Il volume di alta divulgazione scientifica “Il mondo delle terre collettive Itinerari giuridici tra ieri e domani” (Casa Editrice Quodlibet; https://www.quodlibet.it/libro/9788822903884 - https://www.usicivici.unitn.it/download/newsletter/20190916_1049PaoloGrossi.pdf), nel quale Paolo Grossi dona ai «tanti, tenacemente operosi negli Assetti fondiari collettivi» la sintesi del suo pensiero nella materia, sarà presentato al professore di Storia del diritto medievale e moderno dell’Università di Trento, Diego Quaglioni alle 11.15 di venerdì 22 novembre.

Le Comunicazioni

Le Comunicazioni (giovedì 21 novembre, dalle 17 alle 18.30) tratteranno i temi: “Il Parco Naturale delle Dolomiti d’Ampezzo come modello di accordo pubblico-privato volto a conciliare l’interesse generale di tutela ambientale di un patrimonio regoliero con le attività e le necessità della comunità locale” (a cura di Stefano Lorenzi, segretario generale della Comunità delle Regole di Ampezzo); “La Comunità delle Regole di Spinale e Manez come partner per lo sviluppo turistico sostenibile del territorio di Madonna di Campiglio (Tn)” (a cura del presidente Luca Cerana); “La Magnifica Comunità di Fiemme e la gestione della propria filiera forestale dalla rinnovazione del bosco al semilavorato industriale” (a cura dello scario Giacomo Boninsegna e del dirigente dell’Azienda Legnami Stefano Cattoi); “Verso un patto di Paesaggio: l’esperienza del Consorzio Uomini di Massenzatica leader dello sviluppo rurale delle Terre Pomposiane” (a cura del presidente Carlo Ragazzi e di Davide Neri, Monica Pantaloni e Giovanni Marinelli dell’Università Politecnica delle Marche).

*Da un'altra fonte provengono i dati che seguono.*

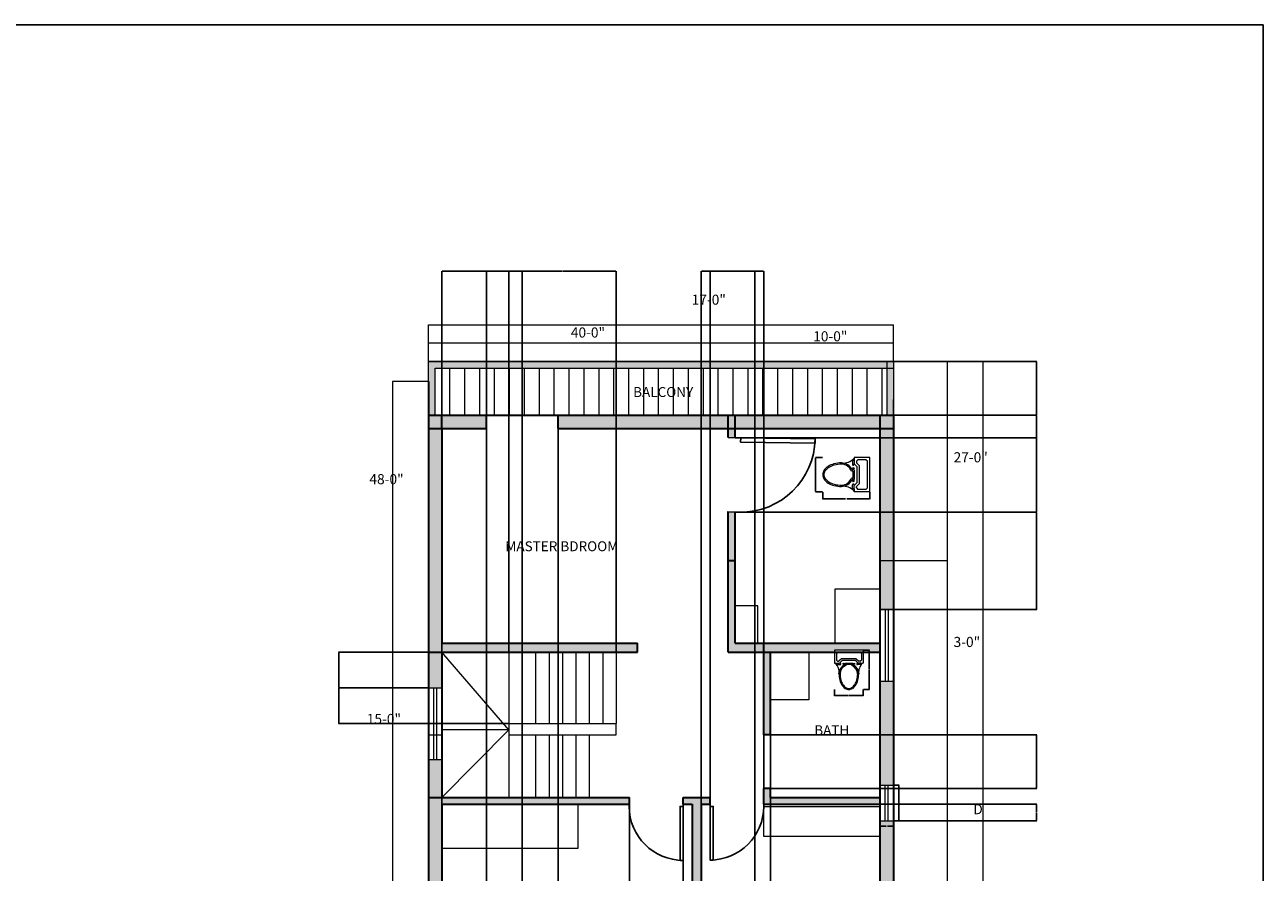
# Model space of a CAD drawing. Units: feet. Extents: x 2813 to 4435, y 1041 to 2557.
# Tile 6 of 6: x 3605 to 4435, y 1988 to 2557. Entities that reach past the tile are written whole.
import ezdxf

# ---------------------------------------------------------------- set-up
doc = ezdxf.new("R2010")
doc.units = ezdxf.units.FT
for name, color, linetype, lineweight in [('A-ANNO-DIMS', 2, 'Continuous', 18), ('A-ANNO-TTLB', 7, 'Continuous', 25), ('A-AREA-IDEN', 7, 'Continuous', 18), ('A-DOOR', 3, 'Continuous', 25), ('A-FLOR-CASE', 8, 'Continuous', 18), ('A-FLOR-FIXT', 9, 'Continuous', 18), ('A-FLOR-HRAL', 4, 'Continuous', 18), ('A-FLOR-STRS', 7, 'Continuous', 18), ('A-GLAZ', 4, 'Continuous', 18), ('A-WALL', 7, 'Continuous', 35), ('A-WALL-PATT', 252, 'Continuous', 13)]:
    doc.layers.add(name, color=color, linetype=linetype, lineweight=lineweight)
doc.styles.get("Standard").update_dxf_attribs({"font": 'arial.ttf'})
doc.dimstyles.get("Standard").update_dxf_attribs({"dimtxt": 0.18, "dimasz": 0.18, "dimexe": 0.18, "dimexo": 0.0625, "dimgap": 0.09, "dimtad": 0, "dimtih": 1, "dimtoh": 1, "dimdec": 4, "dimzin": 0, "dimdsep": 46, "dimtxsty": 'Standard', "dimcen": 0.09, "dimadec": 0, "dimazin": 0, "dimtfac": 1, "dimtdec": 4, "dimtofl": 0, "dimtmove": 0, "dimatfit": 3, "dimfxl": 1, "dimtolj": 1, "dimtzin": 0, "dimarcsym": 0})

# ---------------------------------------------------------------- blocks, each defined once
blk = doc.blocks.new('*U4')
for p, q in [((0, 0), (0, -5)), ((30, 0), (30, -5))]:
    blk.add_line(p, q)
blk.add_lwpolyline([(0, 0), (0, 30), (1.75, 30), (1.75, 0)], close=True)
blk.add_arc((0, 0), 30, 0, 90)
blk = doc.blocks.new('A$C098B081F')
for p, q in [((559, 762), (0, 762)), ((0, 762), (0, 508)), ((63, 724), (38, 698)), ((38, 698), (38, 571)), ((495, 724), (63, 724)), ((521, 698), (495, 724)), ((521, 698), (521, 571)), ((559, 762), (559, 508)), ((0, 508), (13, 508)), ((13, 508), (102, 508)), ((38, 571), (63, 546)), ((51, 508), (51, 483)), ((51, 508), (102, 508)), ((51, 483), (114, 483)), ((63, 546), (86, 546)), ((137, 597), (86, 546)), ((152, 559), (102, 508)), ((114, 508), (102, 508)), ((422, 597), (137, 597)), ((406, 559), (152, 559)), ((203, 508), (203, 479)), ((203, 508), (356, 508)), ((223, 488), (223, 466)), ((223, 488), (336, 488)), ((336, 488), (336, 466)), ((356, 508), (356, 479)), ((406, 559), (457, 508)), ((422, 597), (473, 546)), ((444, 508), (457, 508)), ((508, 483), (444, 483)), ((508, 508), (457, 508)), ((495, 546), (473, 546)), ((495, 546), (521, 571)), ((508, 508), (546, 508)), ((508, 508), (508, 483)), ((559, 508), (546, 508))]:
    blk.add_line(p, q)
for centre in [(178, 495), (381, 495)]:
    blk.add_circle(centre, 12.7)
for centre, radius, start, end in [((-137, 336), 228, 352.2011, 48.911), ((279, 305), 190, 113.5782, 180), ((279, 305), 170, 109.2456, 180), ((114, 495), 12.7, 270, 90), ((279, 305), 170, 0, 70.7544), ((279, 305), 190, 0, 66.4218), ((444, 495), 12.7, 90, 270), ((696, 336), 228, 131.089, 187.7989), ((575, 305), 486, 180, 194.5143), ((575, 305), 466, 180, 194.5143), ((-16, 305), 466, 345.4857, 360), ((-16, 305), 486, 345.4857, 360), ((429, 267), 335, 194.5143, 212.0054), ((429, 267), 315, 194.5143, 212.0054), ((337, 210), 227, 212.0054, 236.4659), ((337, 210), 207, 212.0054, 236.4659), ((279, 122), 122, 236.4659, 270), ((279, 122), 102, 236.4659, 270), ((279, 122), 102, 270, 303.5341), ((279, 122), 122, 270, 303.5341), ((222, 210), 207, 303.5341, 327.9946), ((222, 210), 227, 303.5341, 327.9946), ((130, 267), 315, 327.9946, 345.4857), ((130, 267), 335, 327.9946, 345.4857)]:
    blk.add_arc(centre, radius, start, end)
blk = doc.blocks.new('*U8')
blk.add_line((0, -15.75), (0, 15.75))
blk = doc.blocks.new('*U9')
at = {"layer": 'A-FLOR-HRAL', "color": 0, "linetype": 'ByBlock', "lineweight": -2, "transparency": 16777216}
for p in [(0, 0), (10, 0), (20, 0), (30, 0), (40, 0), (50, 0), (60, 0), (70, 0), (80, 0), (90, 0), (100, 0), (110, 0), (120, 0), (130, 0), (140, 0), (150, 0), (160, 0), (170, 0), (180, 0), (190, 0), (200, 0), (210, 0), (220, 0), (230, 0), (240, 0), (250, 0), (260, 0), (270, 0), (280, 0), (290, 0), (300, 0)]:
    blk.add_blockref('*U8', p, dxfattribs=at)
blk = doc.blocks.new('WINDOW-PLAN-WIDE')
for p, q in [((0, 0), (0, 9)), ((48, 0), (48, 9)), ((0, 5.5), (48, 5.5)), ((0, 3.5), (48, 3.5))]:
    blk.add_line(p, q)
blk = doc.blocks.new('WINDOW-PLAN-NARROW')
for p, q in [((0, 24), (9, 24)), ((3.5, 0), (3.5, 24)), ((5.5, 0), (5.5, 24)), ((0, 0), (9, 0))]:
    blk.add_line(p, q)
blk = doc.blocks.new('*D21')
at = {"layer": 'A-ANNO-DIMS', "color": 0, "lineweight": -2, "transparency": 16777216}
for p, q in [((4187.42, 2046.33), (4191.14, 2046.33)), ((4190.96, 2046.15), (4190.96, 2034.52)), ((4190.96, 2022.51), (4190.96, 2034.15)), ((4187.42, 2022.33), (4191.14, 2022.33))]:
    blk.add_line(p, q, dxfattribs=at)
at = {"layer": 'A-ANNO-DIMS', "color": 0, "transparency": 16777216}
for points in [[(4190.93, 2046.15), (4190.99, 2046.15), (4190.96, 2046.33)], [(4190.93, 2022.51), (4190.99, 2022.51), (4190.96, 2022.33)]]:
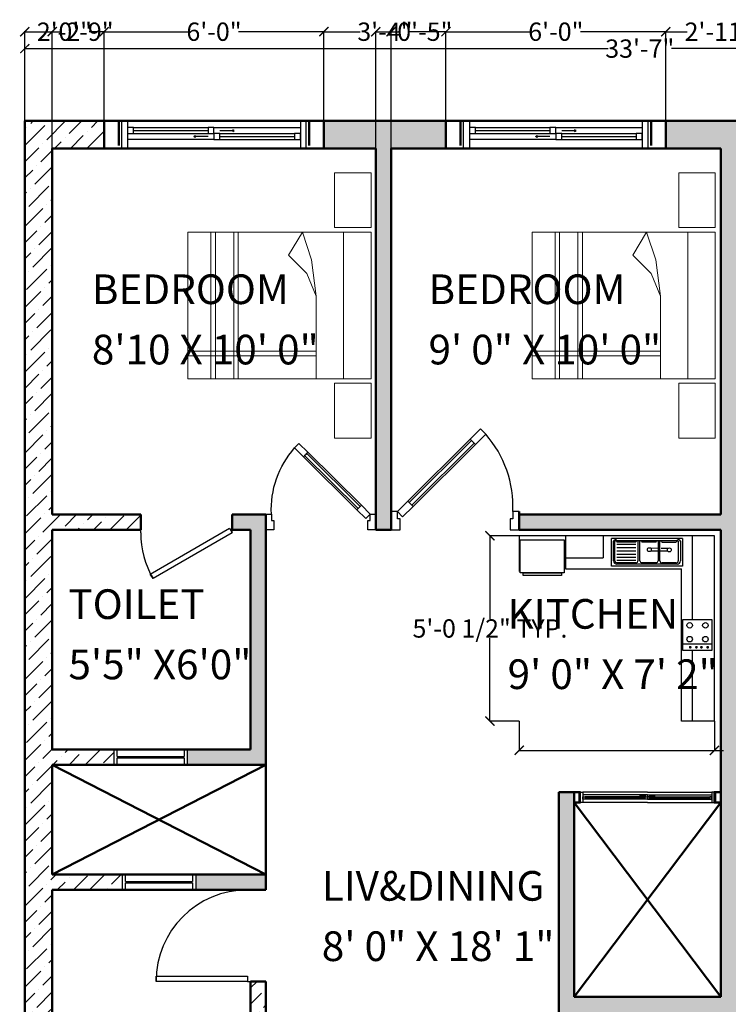
# Model space of a CAD drawing. Units: inches. Extents: x 2278 to 7495, y -71 to 1198.
# Tile 6 of 44: x 2844 to 3076, y 873 to 1195. Entities that reach past the tile are written whole.
import ezdxf

# ---------------------------------------------------------------- set-up
doc = ezdxf.new("R2010")
doc.units = ezdxf.units.IN
doc.header["$MEASUREMENT"] = 0
for name, color, linetype, lineweight in [('A-ANNO-DIMS', 2, 'Continuous', 18), ('A-AREA-IDEN', 3, 'Continuous', 18), ('A-Door', 3, 'Continuous', 25), ('A-FLOR-FIXT', 9, 'Continuous', 18), ('A-FURN', 8, 'Continuous', 18), ('A-Glaz', 4, 'Continuous', 25), ('A-Wall', 7, 'Continuous', 50), ('A-WALL-PATT', 8, 'Continuous', 18)]:
    doc.layers.add(name, color=color, linetype=linetype, lineweight=lineweight)
doc.layers.add('TEFRIŞ', color=11, linetype='Continuous')
doc.styles.get("Standard").update_dxf_attribs({"font": 'arial.ttf'})
doc.dimstyles.get("Standard").update_dxf_attribs({"dimtxt": 6, "dimasz": 3, "dimexe": 0.18, "dimexo": 0.0625, "dimgap": 0.09, "dimtad": 0, "dimtih": 1, "dimtoh": 1, "dimdec": 0, "dimzin": 0, "dimdsep": 46, "dimlunit": 3, "dimtxsty": 'Standard', "dimblk": 'ARCHTICK', "dimcen": 0.09, "dimadec": 0, "dimazin": 0, "dimtfac": 1, "dimtdec": 0, "dimtofl": 0, "dimtmove": 0, "dimatfit": 3, "dimfxl": 1, "dimtolj": 1, "dimtzin": 0, "dimarcsym": 0})

# ---------------------------------------------------------------- blocks, each defined once
blk = doc.blocks.new('A$C1DF4181C')
blk.add_lwpolyline([(120, 128), (460.7, 466.1), (432.5, 494.5), (91.8, 156.4)], close=True)
blk.add_arc((72.4, 128.7), 593.3, 357.2313, 41.4937)
at = {"layer": 'A-Door'}
for points in [[(517.5, 522.4), (460.7, 466.1), (432.5, 494.5), (489.3, 550.8)], [(63.2, 71.6), (120, 128), (91.8, 156.4), (35, 100)], [(35, 100), (0, 100), (0, 0), (50, 0), (50, 50), (50, 60), (35, 60)], [(665, 100), (665, 60), (650, 60), (650, 50), (650, 0), (700, 0), (700, 100)]]:
    blk.add_lwpolyline(points, close=True, dxfattribs=at)
at = {"layer": 'A-Glaz'}
blk.add_lwpolyline([(112.9, 135.1), (453.6, 473.2), (439.5, 487.4), (98.8, 149.3)], close=True, dxfattribs=at)
at = {"layer": 'A-Wall'}
for p, q in [((0, 0), (0, 100)), ((0, 100), (0, 0)), ((700, 0), (700, 100)), ((700, 0), (700, 100))]:
    blk.add_line(p, q, dxfattribs=at)
blk = doc.blocks.new('*U4')
for p, q in [((0, 0), (0, -6)), ((30, 0), (30, -6))]:
    blk.add_line(p, q)
blk.add_lwpolyline([(0, 0), (25.98, 15), (26.86, 13.48), (0.87, -1.52)], close=True)
blk.add_arc((0, 0), 30, 0, 30)
blk = doc.blocks.new('*U5')
for p, q in [((0, 0), (0, -6)), ((30, 0), (30, -6))]:
    blk.add_line(p, q)
blk.add_lwpolyline([(0, 0), (0, 30), (1.75, 30), (1.75, 0)], close=True)
blk.add_arc((0, 0), 30, 0, 90)
blk = doc.blocks.new('BED-160')
at = {"color": 0}
for p, q in [((-0.45, 2.35), (-0.45, 2.95)), ((-0.45, 2.95), (-0.05, 2.95)), ((-0.05, 2.95), (-0.05, 2.35)), ((-2.05, 2.3), (-0.05, 2.3)), ((-2.05, 0.7), (-2.05, 2.3)), ((-1.8, 0.7), (-1.8, 2.3)), ((-1.75, 0.7), (-1.75, 2.3)), ((-1.55, 0.7), (-1.55, 2.3)), ((-1.5, 0.7), (-1.5, 2.3)), ((-0.8, 2.3), (-0.95, 2.05)), ((-0.8, 2.3), (-0.7, 2)), ((-0.05, 2.35), (-0.45, 2.35)), ((-0.35, 0.7), (-0.35, 2.3)), ((-0.05, 2.3), (-0.05, 0.7)), ((-0.95, 2.05), (-0.75, 1.85)), ((-0.7, 2), (-0.65, 1.6)), ((-0.75, 1.85), (-0.65, 1.6)), ((-0.65, 1.6), (-0.65, 0.7)), ((-0.65, 1), (-2.05, 1)), ((-0.65, 0.95), (-2.05, 0.95)), ((-0.05, 0.7), (-2.05, 0.7)), ((-0.45, 0.65), (-0.05, 0.65)), ((-0.45, 0.05), (-0.45, 0.65)), ((-0.05, 0.65), (-0.05, 0.05)), ((-0.05, 0.05), (-0.45, 0.05))]:
    blk.add_line(p, q, dxfattribs=at)
blk = doc.blocks.new('A$C008029BD')
at = {"layer": 'TEFRIŞ', "ltscale": 0.05}
for p, q in [((0, 0), (0, -3.55)), ((3.37, 0), (0, 0)), ((3.37, 0), (3.37, -0.6)), ((1.522, -0.4), (0, -0.4)), ((3.37, -0.4), (2.083, -0.4)), ((0.05, -0.581), (0.05, -1.869)), ((0.05, -0.581), (0.55, -0.581)), ((0.086, -1.773), (0.086, -0.677)), ((0.096, -0.617), (0.454, -0.617)), ((0.099, -0.659), (0.457, -0.659)), ((0.113, -0.954), (0.113, -0.695)), ((0.493, -0.695), (0.493, -0.954)), ((0.514, -0.677), (0.514, -1.773)), ((0.55, -0.581), (0.55, -1.869)), ((0.6, -2.71), (0.6, -0.6)), ((3.37, -0.6), (0.6, -0.6)), ((0.23, -0.846), (0.229, -0.967)), ((0.28, -0.846), (0.277, -1.158)), ((0.096, -1.024), (0.454, -1.024)), ((0.457, -0.99), (0.099, -0.99)), ((0.11, -1.319), (0.11, -1.06)), ((0.228, -1.02), (0.227, -1.159)), ((0.49, -1.06), (0.49, -1.319)), ((0.454, -1.355), (0.096, -1.355)), ((0.096, -1.391), (0.454, -1.391)), ((0.11, -1.773), (0.11, -1.427)), ((0.154, -1.773), (0.154, -1.427)), ((0.214, -1.773), (0.214, -1.427)), ((0.274, -1.773), (0.274, -1.427)), ((0.334, -1.773), (0.334, -1.427)), ((0.39, -1.773), (0.39, -1.427)), ((0.444, -1.773), (0.444, -1.427)), ((0.49, -1.427), (0.49, -1.773)), ((0.55, -1.869), (0.05, -1.869)), ((0.454, -1.809), (0.096, -1.809)), ((0.454, -1.833), (0.096, -1.833)), ((0, -2.025), (0.4, -2.025)), ((0.4, -2.71), (0.4, -2.025)), ((0, -2.71), (0.6, -2.71)), ((0, -3.55), (0.65, -3.55))]:
    blk.add_line(p, q, dxfattribs=at)
at = {"layer": 'TEFRIŞ'}
blk.add_line((1.969, -0.05), (1.969, -0.572), dxfattribs=at)
at = {"layer": 'TEFRIŞ', "ltscale": 0.05}
for points in [[(1.522, -0.05), (2.083, -0.05), (2.083, -0.572), (1.522, -0.572)], [(0.67, -2.73), (0.67, -3.53), (0.07, -3.53), (0.07, -2.73)], [(0.72, -2.78), (0.72, -3.48), (0.67, -3.48), (0.67, -2.78)]]:
    blk.add_lwpolyline(points, close=True, dxfattribs=at)
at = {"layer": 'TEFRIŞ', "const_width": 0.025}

Le 3 sessioni della Riunione scientifica saranno presiedute rispettivamente da Amedeo Postiglione, fondatore e direttore dell’International Court of the Environment Foundation e vice presidente dell’EU Forum of Judges for Environment; Francesco Adornato, rettore dell’Università di Macerata e professore di Diritto agrario; e da Aldo Carosi, vicepresidente della Corte costituzionale.